Here the green bar represents the employees who are terminated or left and pink represents those who didn't.
So the question is that, as time passes and new data would be added to the model the such features' risk ranges would change. In this case of Tenure, if an employee has tenure of 780 days, after a month his tenure feature would show 810. Obviously, we keep the upper end on "Low Risk" as open ended. But real problem is, how can we define the internal boundaries / ranges programtically ?
EDIT: Thanks for the clarification. I have changed the answer.
It is important to realize that you are trying to project a selection in multi-dimensional space into a 1D space. Not in every case you will be able to see a clear separation like the one you got. There are also various possibilities to do that, here I made a simple example that could help your client to interpret the model, but does not represent the full complexity of the model, of course.
You did not provide any sample data, so I will generate some from the breast cancer dataset.
First let's import what we need:
from sklearn import datasets
from xgboost import XGBClassifier
import pandas as pd
import numpy as np
And now import the dataset and train a very simple XGBoost Model
cancer = datasets.load_breast_cancer()
X = cancer.data
y = cancer.target
xgb_model = XGBClassifier(n_estimators=5,
objective="binary:logistic",
random_state=42)
xgb_model.fit(X, y)
y_prob = pd.DataFrame(xgb_model.predict_proba(X))[0]
There are multiple ways to solve this.
One approach is to bin in the probability given by the model. So you will decide which probabilities you consider to be "High Risk", "Medium Risk" and "Low Risk" and the intervals on data can be classified. In this example I considered low to be 0 <= p <= 0.5, medium for 0.5 < p <= 0.8 and high for 0.8 < p <= 1.
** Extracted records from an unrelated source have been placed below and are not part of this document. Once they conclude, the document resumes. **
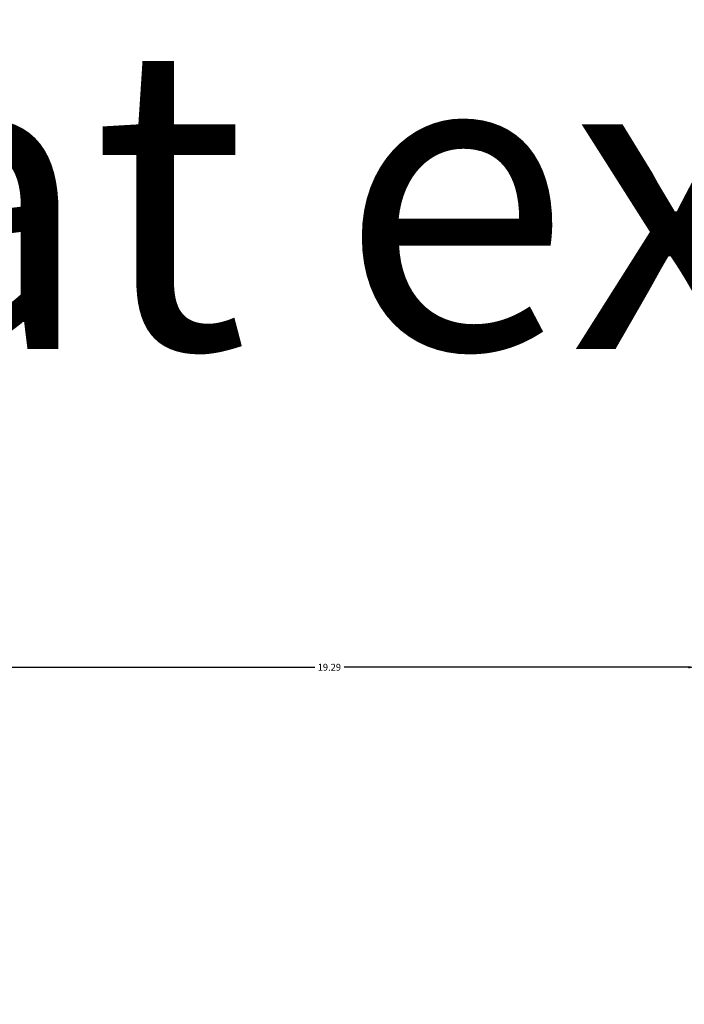
# Model space of a CAD drawing. Units: inches. Extents: x -12 to 334, y -10 to 186.
# Tile 28 of 77: x 88 to 106, y 160 to 186. Entities that reach past the tile are written whole.
import ezdxf

# ---------------------------------------------------------------- set-up
doc = ezdxf.new("R2010")
doc.units = ezdxf.units.IN
doc.header["$MEASUREMENT"] = 0
doc.layers.add('M-ANNO-TEXT', color=3, linetype='Continuous', lineweight=25)
doc.layers.add('M-DIMS', color=2, linetype='Continuous', lineweight=18)
doc.styles.get("Standard").update_dxf_attribs({"font": 'arial.ttf'})
doc.dimstyles.get("Standard").update_dxf_attribs({"dimtxt": 0.18, "dimasz": 0.18, "dimexe": 0.18, "dimexo": 0.0625, "dimgap": 0.09, "dimtad": 0, "dimtih": 1, "dimtoh": 1, "dimdec": 4, "dimzin": 0, "dimdsep": 46, "dimtxsty": 'Standard', "dimcen": 0.09, "dimadec": 0, "dimazin": 0, "dimtfac": 1, "dimtdec": 4, "dimtofl": 0, "dimtmove": 0, "dimatfit": 3, "dimfxl": 1, "dimtolj": 1, "dimtzin": 0, "dimarcsym": 0})

# ---------------------------------------------------------------- blocks, each defined once
blk = doc.blocks.new('*D15')
at = {"layer": 'Defpoints', "color": 0, "transparency": 16777216}
for p in [(106.177, 169.385), (86.888, 109.058), (106.177, 102.896)]:
    blk.add_point(p, dxfattribs=at)
at = {"layer": 'M-DIMS', "color": 0, "lineweight": -2, "transparency": 16777216}
for p, q in [((86.888, 109.121), (86.888, 169.565)), ((87.068, 169.385), (96.147, 169.385)), ((105.997, 169.385), (96.918, 169.385)), ((106.177, 102.958), (106.177, 169.565))]:
    blk.add_line(p, q, dxfattribs=at)
at = {"layer": 'M-DIMS', "color": 0, "transparency": 16777216}
for points in [[(87.068, 169.415), (87.068, 169.355), (86.888, 169.385)], [(105.997, 169.415), (105.997, 169.355), (106.177, 169.385)]]:
    blk.add_solid(points, dxfattribs=at)
at = {"layer": 'M-DIMS', "color": 0, "transparency": 16777216, "insert": (96.532, 169.385), "char_height": 0.18, "attachment_point": 5}
blk.add_mtext('\\A1;19.29', dxfattribs=at)

msp = doc.modelspace()

# ---------------------------------------------------------------- texts
at = {"layer": 'M-ANNO-TEXT', "insert": (70.1252, 185.7805), "char_height": 8, "attachment_point": 1}
msp.add_mtext_dynamic_manual_height_columns('Heat exchanger in a steam boiler', width=205.597506, gutter_width=1, heights=[0], dxfattribs=at)

# ---------------------------------------------------------------- dimensions: what is measured, and where the dimension line sits
at = {"layer": 'M-DIMS'}
dim = msp.add_linear_dim(base=(106.1771, 169.3845), p1=(86.8879, 109.0583), p2=(106.1771, 102.8958), dimstyle='Standard', override={"dimdec": 2, "dimlfac": 1, "dimrnd": 0, "dimzin": 0, "dimdsep": 46, "dimlunit": 2}, dxfattribs=at)
dim.commit()
dim.dimension.update_dxf_attribs({"geometry": '*D15', "text_midpoint": (96.5325, 169.3845)})

doc.saveas('drawing.dxf')

First you have to calculate the probability for each prediction. I would suggest to maybe use the test set for that, to avoid bias from a possible model overfitting.
y_prob = pd.DataFrame(xgb_model.predict_proba(X))[0]
df = pd.DataFrame(X, columns=cancer.feature_names)
# Stores the probability of a malignant cancer
df['probability'] = y_prob
Then you have to bin your data and calculate average probabilities for each of those bins. I would suggest to bin your data using np.histogram_bin_edges automatic calculation:
def calculate_mean_prob(feat):
"""Calculates mean probability for a feature value, binning it."""
# Bins from the automatic rules from numpy, check docs for details
bins = np.histogram_bin_edges(df[feat], bins='auto')
binned_values = pd.cut(df[feat], bins)
return df['probability'].groupby(binned_values).mean()
Now you can classify each bin following what you would consider to be a low/medium/high probability:
def classify_probability(prob, medium=0.5, high=0.8, fillna_method= 'ffill'):
"""Classify the output of each bin into a risk group,
according to the probability.
Following the follow rules:
0 <= p <= medium: Low risk
medium < p <= high: Medium risk
high < p <= 1: High Risk
If a bin has no entries, it will be filled using fillna with the method
specified in fillna_method
"""
risk = pd.cut(prob, [0., medium, high, 1.0], include_lowest=True,
labels=['Low Risk', 'Medium Risk', 'High Risk'])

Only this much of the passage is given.